The first assignment is devided in three parts:.
- Creating a full documentation using Sphinx or Doxygen for the RT1 final assignment code.
- Create a jupiter notebook to initialize a new interface to drive the robot following the final assignment requests.
- Perform a statistical analysis comparing my solution for the first assignment of RT1 and the given solution.
In this part of the work, after installing Sphinx and ReadTheDocs theme, I just commented the codes of the previous assignment, and the page with all the documentation was created.
All the new documentation can be found in this link.

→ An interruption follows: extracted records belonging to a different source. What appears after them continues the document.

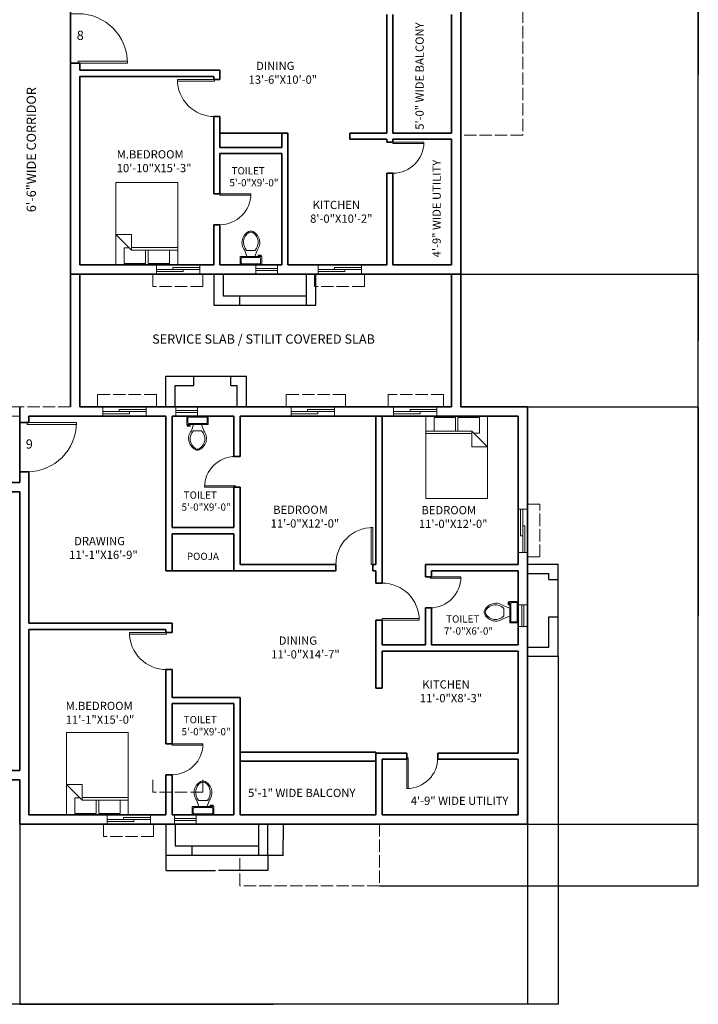
# Model space of a CAD drawing. Units: inches. Extents: x -69 to 2453, y 4803 to 7122.
# Tile 6 of 9: x 1794 to 2453, y 4803 to 5759. Entities that reach past the tile are written whole.
import ezdxf

# ---------------------------------------------------------------- set-up
doc = ezdxf.new("R2010")
doc.units = ezdxf.units.IN
doc.linetypes.add('ACAD_ISO02W100', pattern=[15, 12, -3])
for name, color, linetype, lineweight in [('A-ANNO-DIMS', 2, 'Continuous', 18), ('A-ANNO-IDEN', 2, 'Continuous', 18), ('A-AREA-IDEN', 7, 'Continuous', 18), ('A-DOOR', 3, 'Continuous', 18), ('A-FLOR-FIXT', 9, 'Continuous', 18), ('A-FLOR-OVHD', 8, 'ACAD_ISO02W100', 13), ('A-FURN', 8, 'Continuous', 18), ('A-GLAZ', 244, 'Continuous', 18), ('A-WALL', 7, 'Continuous', 35), ('A-WALL-SRVC', 7, 'Continuous', 30)]:
    doc.layers.add(name, color=color, linetype=linetype, lineweight=lineweight)
doc.styles.get("Standard").update_dxf_attribs({"font": 'arial.ttf'})
doc.dimstyles.get("Standard").update_dxf_attribs({"dimtxt": 0.18, "dimasz": 0.18, "dimexe": 0.18, "dimexo": 0.0625, "dimgap": 0.09, "dimtad": 0, "dimtih": 1, "dimtoh": 1, "dimdec": 4, "dimzin": 0, "dimdsep": 46, "dimtxsty": 'Standard', "dimcen": 0.09, "dimadec": 0, "dimazin": 0, "dimtfac": 1, "dimtdec": 4, "dimtofl": 0, "dimtmove": 0, "dimatfit": 3, "dimfxl": 1, "dimtolj": 1, "dimtzin": 0, "dimarcsym": 0})

# ---------------------------------------------------------------- blocks, each defined once
blk = doc.blocks.new('*U12')
for p, q in [((-40, 0), (-40, -6)), ((0, 0), (0, -6))]:
    blk.add_line(p, q)
blk.add_lwpolyline([(0, 0), (0, 40), (-1.75, 40), (-1.75, 0)], close=True)
blk.add_arc((0, 0), 40, 90, 180)
blk = doc.blocks.new('*U20')
for p, q in [((0, 0), (0, -6)), ((40, 0), (40, -6))]:
    blk.add_line(p, q)
blk.add_lwpolyline([(0, 0), (0, 40), (1.75, 40), (1.75, 0)], close=True)
blk.add_arc((0, 0), 40, 0, 90)
blk = doc.blocks.new('*U13')
for p, q in [((0, 0), (0, -6)), ((40, 0), (40, -6))]:
    blk.add_line(p, q)
blk.add_lwpolyline([(0, 0), (0, 40), (1.75, 40), (1.75, 0)], close=True)
blk.add_arc((0, 0), 40, 0, 90)
blk = doc.blocks.new('*U11')
for p, q in [((-40, 0), (-40, 6)), ((0, 0), (0, 6))]:
    blk.add_line(p, q)
blk.add_lwpolyline([(0, 0), (0, -40), (-1.75, -40), (-1.75, 0)], close=True)
blk.add_arc((0, 0), 40, 180, 270)
blk = doc.blocks.new('*U17')
for p, q in [((0, 0), (0, 6)), ((40, 0), (40, 6))]:
    blk.add_line(p, q)
blk.add_lwpolyline([(0, 0), (0, -40), (1.75, -40), (1.75, 0)], close=True)
blk.add_arc((0, 0), 40, 270, 0)
blk = doc.blocks.new('*U18')
for p, q in [((0, 0), (0, -6)), ((-40, 0), (-40, -6))]:
    blk.add_line(p, q)
blk.add_lwpolyline([(0, 0), (0, 40), (-1.75, 40), (-1.75, 0)], close=True)
blk.add_arc((0, 0), 40, 90, 180)
blk = doc.blocks.new('*U19')
for p, q in [((0, 0), (0, -6)), ((-40, 0), (-40, -6))]:
    blk.add_line(p, q)
blk.add_lwpolyline([(0, 0), (0, 40), (-1.75, 40), (-1.75, 0)], close=True)
blk.add_arc((0, 0), 40, 90, 180)
blk = doc.blocks.new('*U14')
for p, q in [((0, 0), (0, -6)), ((-40, 0), (-40, -6))]:
    blk.add_line(p, q)
blk.add_lwpolyline([(0, 0), (0, 40), (-1.75, 40), (-1.75, 0)], close=True)
blk.add_arc((0, 0), 40, 90, 180)
blk = doc.blocks.new('Bed - Queen')
for p, q in [((0, -80.00003), (0, 0)), ((0, 0), (59.99999, 0)), ((59.99999, 0), (59.99999, -80.00003)), ((7.99999, -1.2), (28.79998, -1.2)), ((7.99999, -14.4), (7.99999, -1.2)), ((28.79998, -1.2), (28.79998, -14.4)), ((31.19999, -1.2), (51.99999, -1.2)), ((31.19999, -14.4), (31.19999, -1.2)), ((51.99999, -1.2), (51.99999, -16.4)), ((0, -14.4), (44.8, -14.4)), ((44.8, -16.8), (0, -16.8)), ((59.99999, -29.6), (44.8, -14.4)), ((44.8, -14.4), (44.8, -29.6)), ((51.99999, -16.4), (46.79936, -16.4)), ((44.8, -29.6), (59.99999, -29.6)), ((59.99999, -80.00003), (0, -80.00003))]:
    blk.add_line(p, q)
blk = doc.blocks.new('*U33')
for p, q in [((-10, -8.5), (-8, -8.5)), ((-10, -9.5), (-10, -8.5)), ((-7, -9.5), (-10, -9.5)), ((-8, -8.5), (-8, -8)), ((-7, -8), (-7, -9.5)), ((-4, -8), (-6, -14)), ((4, -8), (6, -14)), ((9.5, -6), (9.5, -2)), ((4, -14), (-4, -14))]:
    blk.add_line(p, q)
blk.add_lwpolyline([(10.5, -8), (10.5, 0), (-10.5, 0), (-10.5, -8)], close=True)
for points in [[(-9.5, -2), (-9.5, -6)], [(8.5, -1), (-8.5, -1)], [(-8.5, -7), (8.5, -7)]]:
    blk.add_lwpolyline(points)
for centre, radius, start, end in [((-8.62, -1.88), 0.884, 81.8699, 188.1301), ((-8.62, -6.12), 0.884, 171.8699, 278.1301), ((8.62, -1.88), 0.884, 351.8699, 98.1301), ((8.62, -6.12), 0.884, 261.8699, 8.1301), ((3.52, -21.58), 12.17, 141.46911, 247.97143), ((4.2, -21.82), 11.33, 136.36773, 238.94682), ((-3.52, -21.58), 12.17, 292.02843, 38.53071), ((-4.2, -21.82), 11.33, 301.05301, 43.63209), ((0, -27.88), 4, 245.73182, 294.26817), ((0, -29), 4, 254.86053, 285.13947)]:
    blk.add_arc(centre, radius, start, end)
blk = doc.blocks.new('WINDOW-VENT-21IN')
for p, q in [((0, 5.5), (21, 5.5)), ((0, 3.5), (21, 3.5))]:
    blk.add_line(p, q)
blk.add_lwpolyline([(0, 9), (21, 9), (21, 0), (0, 0)], close=True)
blk = doc.blocks.new('WINDOW-SLIDING-42IN')
for p, q in [((2.5, 42), (2.5, 16)), ((4.5, 42), (4.5, 0)), ((4.5, 26), (6.5, 26)), ((6.5, 26), (6.5, 0)), ((4.5, 16), (2.5, 16))]:
    blk.add_line(p, q)
blk.add_lwpolyline([(0, 42), (9, 42), (9, 0), (0, 0)], close=True)
blk = doc.blocks.new('SUNSHADE-48IN')
for p, q in [((0, 0), (0, 12)), ((48.4, 12), (48.4, 0)), ((48.4, 0), (0, 0))]:
    blk.add_line(p, q)
blk = doc.blocks.new('SUNSHADE-57IN')
for p, q in [((57.14, 12), (0, 12)), ((0, 12), (0, 0)), ((57.14, 0), (57.14, 12))]:
    blk.add_line(p, q)
blk = doc.blocks.new('SUNSHADE-51IN')
for p, q in [((12, 51.36), (0, 51.36)), ((12, 0), (12, 51.36)), ((0, 0), (12, 0))]:
    blk.add_line(p, q)
blk = doc.blocks.new('SERVICE-BAY-78IN')
for p, q in [((0, 30), (78.14, 30)), ((0, 0), (0, 30)), ((27.07, 21), (27.07, 30)), ((63.07, 21), (63.07, 30)), ((78.14, 0), (78.14, 30)), ((9, 0), (9, 21)), ((9, 21), (27.07, 21)), ((63.07, 21), (69.14, 21)), ((69.14, 0), (69.14, 21))]:
    blk.add_line(p, q)
blk = doc.blocks.new('SERVICE-BAY-99IN')
for p, q in [((0, 30), (0, 0)), ((9, 30), (9, 9)), ((90.11, 0), (90.11, 30)), ((99.11, 0), (99.11, 30)), ((0, 0), (99.11, 0)), ((9, 9), (90.11, 9)), ((25.44, 0), (25.44, 9))]:
    blk.add_line(p, q)
blk = doc.blocks.new('*D67')
at = {"layer": 'A-ANNO-DIMS', "color": 0, "lineweight": -2, "transparency": 16777216}
for p, q in [((1935.51, 4947.65), (1935.51, 4932.67)), ((2034.62, 4947.65), (2034.62, 4932.67)), ((1935.69, 4932.85), (1983.66, 4932.85)), ((2034.44, 4932.85), (1986.47, 4932.85))]:
    blk.add_line(p, q, dxfattribs=at)
at = {"layer": 'A-ANNO-DIMS', "color": 0, "transparency": 16777216}
for points in [[(1935.69, 4932.88), (1935.69, 4932.82), (1935.51, 4932.85)], [(2034.44, 4932.88), (2034.44, 4932.82), (2034.62, 4932.85)]]:
    blk.add_solid(points, dxfattribs=at)
at = {"layer": 'Defpoints', "color": 0, "transparency": 16777216}
for p in [(1935.51, 4947.72), (2034.62, 4947.72), (2034.62, 4932.85)]:
    blk.add_point(p, dxfattribs=at)
at = {"layer": 'A-ANNO-DIMS', "color": 0, "transparency": 16777216, "insert": (1985.06, 4932.85), "char_height": 0.18, "attachment_point": 5}
blk.add_mtext('\\A1;SERVICE BAY 99 TYP.', dxfattribs=at)
blk = doc.blocks.new('*D68')
at = {"layer": 'A-ANNO-DIMS', "color": 0, "lineweight": -2, "transparency": 16777216}
for p, q in [((2034.68, 4977.72), (2049.67, 4977.72)), ((2049.49, 4977.54), (2049.49, 4962.9)), ((2049.49, 4947.9), (2049.49, 4962.53)), ((2034.68, 4947.72), (2049.67, 4947.72))]:
    blk.add_line(p, q, dxfattribs=at)
at = {"layer": 'A-ANNO-DIMS', "color": 0, "transparency": 16777216}
for points in [[(2049.46, 4977.54), (2049.52, 4977.54), (2049.49, 4977.72)], [(2049.46, 4947.9), (2049.52, 4947.9), (2049.49, 4947.72)]]:
    blk.add_solid(points, dxfattribs=at)
at = {"layer": 'Defpoints', "color": 0, "transparency": 16777216}
for p in [(2034.62, 4977.72), (2049.49, 4977.72), (2034.62, 4947.72)]:
    blk.add_point(p, dxfattribs=at)
at = {"layer": 'A-ANNO-DIMS', "color": 0, "transparency": 16777216, "insert": (2049.49, 4962.72), "char_height": 0.18, "attachment_point": 5}
blk.add_mtext('\\A1;30 TYP.', dxfattribs=at)
blk = doc.blocks.new('*D86')
at = {"layer": 'A-ANNO-DIMS', "color": 0, "lineweight": -2, "transparency": 16777216}
for p, q in [((1673.51, 5020.65), (1673.51, 4802.79)), ((1793.51, 5020.65), (1793.51, 4802.79)), ((1673.69, 4802.97), (1733.23, 4802.97)), ((1793.33, 4802.97), (1733.79, 4802.97))]:
    blk.add_line(p, q, dxfattribs=at)
at = {"layer": 'A-ANNO-DIMS', "color": 0, "transparency": 16777216}
for points in [[(1673.69, 4803), (1673.69, 4802.94), (1673.51, 4802.97)], [(1793.33, 4803), (1793.33, 4802.94), (1793.51, 4802.97)]]:
    blk.add_solid(points, dxfattribs=at)
at = {"layer": 'Defpoints', "color": 0, "transparency": 16777216}
for p in [(1673.51, 5020.72), (1793.51, 5020.72), (1793.51, 4802.97)]:
    blk.add_point(p, dxfattribs=at)
at = {"layer": 'A-ANNO-DIMS', "color": 0, "transparency": 16777216, "insert": (1733.51, 4802.97), "char_height": 0.18, "attachment_point": 5}
blk.add_mtext('\\A1;120', dxfattribs=at)
blk = doc.blocks.new('*D87')
at = {"layer": 'A-ANNO-DIMS', "color": 0, "lineweight": -2, "transparency": 16777216}
for p, q in [((1793.51, 4977.65), (1793.51, 4802.79)), ((2286.51, 4977.65), (2286.51, 4802.79)), ((1793.69, 4802.97), (2039.72, 4802.97)), ((2286.33, 4802.97), (2040.3, 4802.97))]:
    blk.add_line(p, q, dxfattribs=at)
at = {"layer": 'A-ANNO-DIMS', "color": 0, "transparency": 16777216}
for points in [[(1793.69, 4803), (1793.69, 4802.94), (1793.51, 4802.97)], [(2286.33, 4803), (2286.33, 4802.94), (2286.51, 4802.97)]]:
    blk.add_solid(points, dxfattribs=at)
at = {"layer": 'Defpoints', "color": 0, "transparency": 16777216}
for p in [(1793.51, 4977.72), (2286.51, 4977.72), (2286.51, 4802.97)]:
    blk.add_point(p, dxfattribs=at)
at = {"layer": 'A-ANNO-DIMS', "color": 0, "transparency": 16777216, "insert": (2040.01, 4802.97), "char_height": 0.18, "attachment_point": 5}
blk.add_mtext('\\A1;493', dxfattribs=at)
blk = doc.blocks.new('*D88')
at = {"layer": 'A-ANNO-DIMS', "color": 0, "lineweight": -2, "transparency": 16777216}
for p, q in [((2286.57, 5382.72), (2452.44, 5382.72)), ((2452.26, 5382.54), (2452.26, 5180.4)), ((2452.26, 4977.9), (2452.26, 5180.03)), ((2286.57, 4977.72), (2452.44, 4977.72))]:
    blk.add_line(p, q, dxfattribs=at)
at = {"layer": 'A-ANNO-DIMS', "color": 0, "transparency": 16777216}
for points in [[(2452.23, 5382.54), (2452.29, 5382.54), (2452.26, 5382.72)], [(2452.23, 4977.9), (2452.29, 4977.9), (2452.26, 4977.72)]]:
    blk.add_solid(points, dxfattribs=at)
at = {"layer": 'Defpoints', "color": 0, "transparency": 16777216}
for p in [(2286.51, 5382.72), (2452.26, 5382.72), (2286.51, 4977.72)]:
    blk.add_point(p, dxfattribs=at)
at = {"layer": 'A-ANNO-DIMS', "color": 0, "transparency": 16777216, "insert": (2452.26, 5180.22), "char_height": 0.18, "attachment_point": 5}
blk.add_mtext('\\A1;405', dxfattribs=at)
blk = doc.blocks.new('*D89')
at = {"layer": 'A-ANNO-DIMS', "color": 0, "lineweight": -2, "transparency": 16777216}
for p, q in [((2222.07, 5511.72), (2452.44, 5511.72)), ((2452.26, 5511.54), (2452.26, 5447.4)), ((2452.26, 5382.9), (2452.26, 5447.03)), ((2222.07, 5382.72), (2452.44, 5382.72))]:
    blk.add_line(p, q, dxfattribs=at)
at = {"layer": 'A-ANNO-DIMS', "color": 0, "transparency": 16777216}
for points in [[(2452.23, 5511.54), (2452.29, 5511.54), (2452.26, 5511.72)], [(2452.23, 5382.9), (2452.29, 5382.9), (2452.26, 5382.72)]]:
    blk.add_solid(points, dxfattribs=at)
at = {"layer": 'Defpoints', "color": 0, "transparency": 16777216}
for p in [(2222.01, 5511.72), (2452.26, 5511.72), (2222.01, 5382.72)]:
    blk.add_point(p, dxfattribs=at)
at = {"layer": 'A-ANNO-DIMS', "color": 0, "transparency": 16777216, "insert": (2452.26, 5447.22), "char_height": 0.18, "attachment_point": 5}
blk.add_mtext('\\A1;129', dxfattribs=at)
blk = doc.blocks.new('*D90')
at = {"layer": 'A-ANNO-DIMS', "color": 0, "lineweight": -2, "transparency": 16777216}
for p, q in [((2222.07, 5898.72), (2452.44, 5898.72)), ((2452.26, 5898.54), (2452.26, 5705.4)), ((2452.26, 5511.9), (2452.26, 5705.03)), ((2222.07, 5511.72), (2452.44, 5511.72))]:
    blk.add_line(p, q, dxfattribs=at)
at = {"layer": 'A-ANNO-DIMS', "color": 0, "transparency": 16777216}
for points in [[(2452.23, 5898.54), (2452.29, 5898.54), (2452.26, 5898.72)], [(2452.23, 5511.9), (2452.29, 5511.9), (2452.26, 5511.72)]]:
    blk.add_solid(points, dxfattribs=at)
at = {"layer": 'Defpoints', "color": 0, "transparency": 16777216}
for p in [(2222.01, 5898.72), (2452.26, 5898.72), (2222.01, 5511.72)]:
    blk.add_point(p, dxfattribs=at)
at = {"layer": 'A-ANNO-DIMS', "color": 0, "transparency": 16777216, "insert": (2452.26, 5705.22), "char_height": 0.18, "attachment_point": 5}
blk.add_mtext('\\A1;387', dxfattribs=at)
blk = doc.blocks.new('*D95')
at = {"layer": 'A-ANNO-DIMS', "color": 0, "lineweight": -2, "transparency": 16777216}
for p, q in [((96.509262, 5020.652777), (96.509262, 4802.785277)), ((2286.509262, 4977.652777), (2286.509262, 4802.785277)), ((96.689262, 4802.965277), (1191.149262, 4802.965277)), ((2286.329262, 4802.965277), (1191.869262, 4802.965277))]:
    blk.add_line(p, q, dxfattribs=at)
at = {"layer": 'A-ANNO-DIMS', "color": 0, "transparency": 16777216}
for points in [[(96.689262, 4802.995277), (96.689262, 4802.935277), (96.509262, 4802.965277)], [(2286.329262, 4802.995277), (2286.329262, 4802.935277), (2286.509262, 4802.965277)]]:
    blk.add_solid(points, dxfattribs=at)
at = {"layer": 'Defpoints', "color": 0, "transparency": 16777216}
for p in [(96.509262, 5020.715277), (2286.509262, 4977.715277), (2286.509262, 4802.965277)]:
    blk.add_point(p, dxfattribs=at)
at = {"layer": 'A-ANNO-DIMS', "color": 0, "transparency": 16777216, "insert": (1191.509262, 4802.965277), "char_height": 0.18, "attachment_point": 5}
blk.add_mtext('\\A1;2190', dxfattribs=at)
blk = doc.blocks.new('*D96')
at = {"layer": 'A-ANNO-DIMS', "color": 0, "lineweight": -2, "transparency": 16777216}
for p, q in [((2044.63, 7006.72), (2452.44, 7006.72)), ((2452.26, 7006.54), (2452.26, 5962.4)), ((2452.26, 4917.9), (2452.26, 5962.03)), ((2143.12, 4917.72), (2452.44, 4917.72))]:
    blk.add_line(p, q, dxfattribs=at)
at = {"layer": 'A-ANNO-DIMS', "color": 0, "transparency": 16777216}
for points in [[(2452.23, 7006.54), (2452.29, 7006.54), (2452.26, 7006.72)], [(2452.23, 4917.9), (2452.29, 4917.9), (2452.26, 4917.72)]]:
    blk.add_solid(points, dxfattribs=at)
at = {"layer": 'Defpoints', "color": 0, "transparency": 16777216}
for p in [(2044.57, 7006.72), (2452.26, 7006.72), (2143.06, 4917.72)]:
    blk.add_point(p, dxfattribs=at)
at = {"layer": 'A-ANNO-DIMS', "color": 0, "transparency": 16777216, "insert": (2452.26, 5962.22), "char_height": 0.18, "attachment_point": 5}
blk.add_mtext('\\A1;2089', dxfattribs=at)
blk = doc.blocks.new('*D105')
at = {"layer": 'A-ANNO-DIMS', "color": 0, "lineweight": -2, "transparency": 16777216}
for p, q in [((66.509262, 5170.610035), (66.509262, 4802.785277)), ((2316.509262, 5140.587945), (2316.509262, 4802.785277)), ((66.689262, 4802.965277), (1191.149262, 4802.965277)), ((2316.329262, 4802.965277), (1191.869262, 4802.965277))]:
    blk.add_line(p, q, dxfattribs=at)
at = {"layer": 'A-ANNO-DIMS', "color": 0, "transparency": 16777216}
for points in [[(66.689262, 4802.995277), (66.689262, 4802.935277), (66.509262, 4802.965277)], [(2316.329262, 4802.995277), (2316.329262, 4802.935277), (2316.509262, 4802.965277)]]:
    blk.add_solid(points, dxfattribs=at)
at = {"layer": 'Defpoints', "color": 0, "transparency": 16777216}
for p in [(66.509262, 5170.672535), (2316.509262, 5140.650445), (2316.509262, 4802.965277)]:
    blk.add_point(p, dxfattribs=at)
at = {"layer": 'A-ANNO-DIMS', "color": 0, "transparency": 16777216, "insert": (1191.509262, 4802.965277), "char_height": 0.18, "attachment_point": 5}
blk.add_mtext('\\A1;2250', dxfattribs=at)

msp = doc.modelspace()

# ---------------------------------------------------------------- linework, layer by layer
at = {"layer": 'A-FLOR-OVHD'}
for p, q in [((2282.01, 5767.63), (2282.01, 5646.75)), ((2282.01, 5646.75), (2222.01, 5646.75)), ((2109.75, 5394.72), (2052.22, 5394.72)), ((2052.22, 5394.72), (2052.22, 5382.72)), ((2109.75, 5382.72), (2109.75, 5394.72)), ((2204.95, 5394.72), (2151.19, 5394.72)), ((2151.19, 5394.72), (2151.19, 5382.72)), ((2204.95, 5382.72), (2204.95, 5394.72)), ((1843.01, 5382.72), (1673.51, 5382.72)), ((1793.51, 5373.72), (1673.51, 5373.72)), ((2143.06, 4977.72), (2143.06, 4917.72)), ((2007.19, 4917.72), (2007.19, 4947.72)), ((2143.06, 4917.72), (2007.19, 4917.72))]:
    msp.add_line(p, q, dxfattribs=at)
at = {"layer": 'A-WALL'}
for p, q in [((2222.01, 6543.72), (2222.01, 5382.72)), ((1843.01, 6308.22), (1843.01, 5382.72)), ((2150.01, 5763.72), (2150.01, 5648.72)), ((2156.01, 5763.72), (2156.01, 5648.72)), ((2213.01, 5763.72), (2213.01, 5648.72)), ((1852.01, 5716.52), (1843.01, 5716.52)), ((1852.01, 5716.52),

In this task a user interface through Jupyter netbook was implemented. With this interface the user will be able to:
- Move the robot automatically to any coordinates
- Move the robot with a screen buttons interface
- Move the robot with the same buttons interface but with collision avoidance.
Installing and executing
First of all check that all the python scripts are executable, otherwise execute
chmod +x <file.py>
Then from the Linux shell open three different tabs to execute
roslaunch final_assignment simulation_gmapping.launch
roslaunch final_assignment move_base.launch
roslaunch my_final_assignment jr_launcher.launch
Finally, in the Jupyter notebook page run all the cells of the rt2_assignment1_b.ipynb
For this interface the user just insert any kind of coordinate, and presses on the start
button and will see the robot move.
At the same time the position of the robot will be printed in real time in a 2D graph, just like the scanning of the laser present on the robot. At the end, every reached or not reached position will be plotted in a histogram to check on the efficiency of the code.
In particular, for this function it was needed a change in the code used in the first assignment choice1.py
because for further positions the robot wouldn't be able to arrive because of the restricted waiting time of the Direction service.
All the output graphs are displayed unther the choice menu.
In this modalities the robot is drove by the user with the buttons on the screen, which are intuitive and with a simple checkbox the user can initialize the collision avoidance function, that will stop the robot if a collision is suspected. This functionality is guarateed by a flag inserted in the new version of the code, now called choice3_rt2.py
. Also the user can choose the speed of the robot through the slider widget.
In these two cases the position and scanning of the robot is displayed in a 3D environment.
As last task a statistical analysis was required, comparing the codes of the first assignment which links are given at the beginning of this Readme file, while the Execel spreasheed is uploaded [in this repository](Statistical Analysis.xlsx). For each test 25 samples from both the algorithm were taken. I decided to compare:
Speed of the two codes
This is a parametric test, in which the relevant test statistic, t, is calculated from the sample data and then compared with its probable value based on t-distribution at a specified level of significance for concerning degrees of freedom for accepting or rejecting the null hypothesis (H0: the codes work at the same speed).
If the H0 can be rejected then I can support the alternative hypothesis (Ha: my code is faster).
The time was registered in seconds and the calculations are made based on this data.
Since in this case the t_calculated > t_from_table it can reject the H0 and support the Ha.
Wrong Turns
For this I did the same parametric test, and for wrong turn I mean all the time the robot fixes its trajectory, starting a "zigzag" route.
In this case
H0: would be that both the code have the same efficiency in taking a straight route
Ha: Professor's code is more efficient in taking a straight route.
Through the t-test we get the same result as before so t_calculated > t_from_table it can reject the H0 and support the Ha.
Crash test
This is a non-parametric test, and in this case the Chi-square test is used, in which we are going to compare the difference that exists between my observed counts and
the counts that would be expected if there were no relationship at all in the population.
In this case the comparison is on the count of how many laps myCode and the profCpde had a system crash or an infinite loop event that forced the interruption of the execution of the code.
H0: both code have the same efficiency
Ha: Professor's code is more efficient.
From the result it's seeable that the probability of error obtained in rejecting the null hypothesis is really low, so I can rejected easily.
Conclusions
From the data gathered in the different laps, it's evident that both code are efficient and the problems faced during the execution are more related to a system problem that to a poor algorithm. The difference between the two codes was never too large:
- In the time mesurements the difference is due to the different set uo of the robot velocity, so it's not related to the code structure
- In the path adjustment evaluation the difference is due to a better usage of the sensors' data, so the Professor robot is smarter on this level
- In the crash test both of the algorithm had some laps in which they were stuck but with different frequencies.
From this evaluation is easy to state that the Professor code is more efficient and reliable.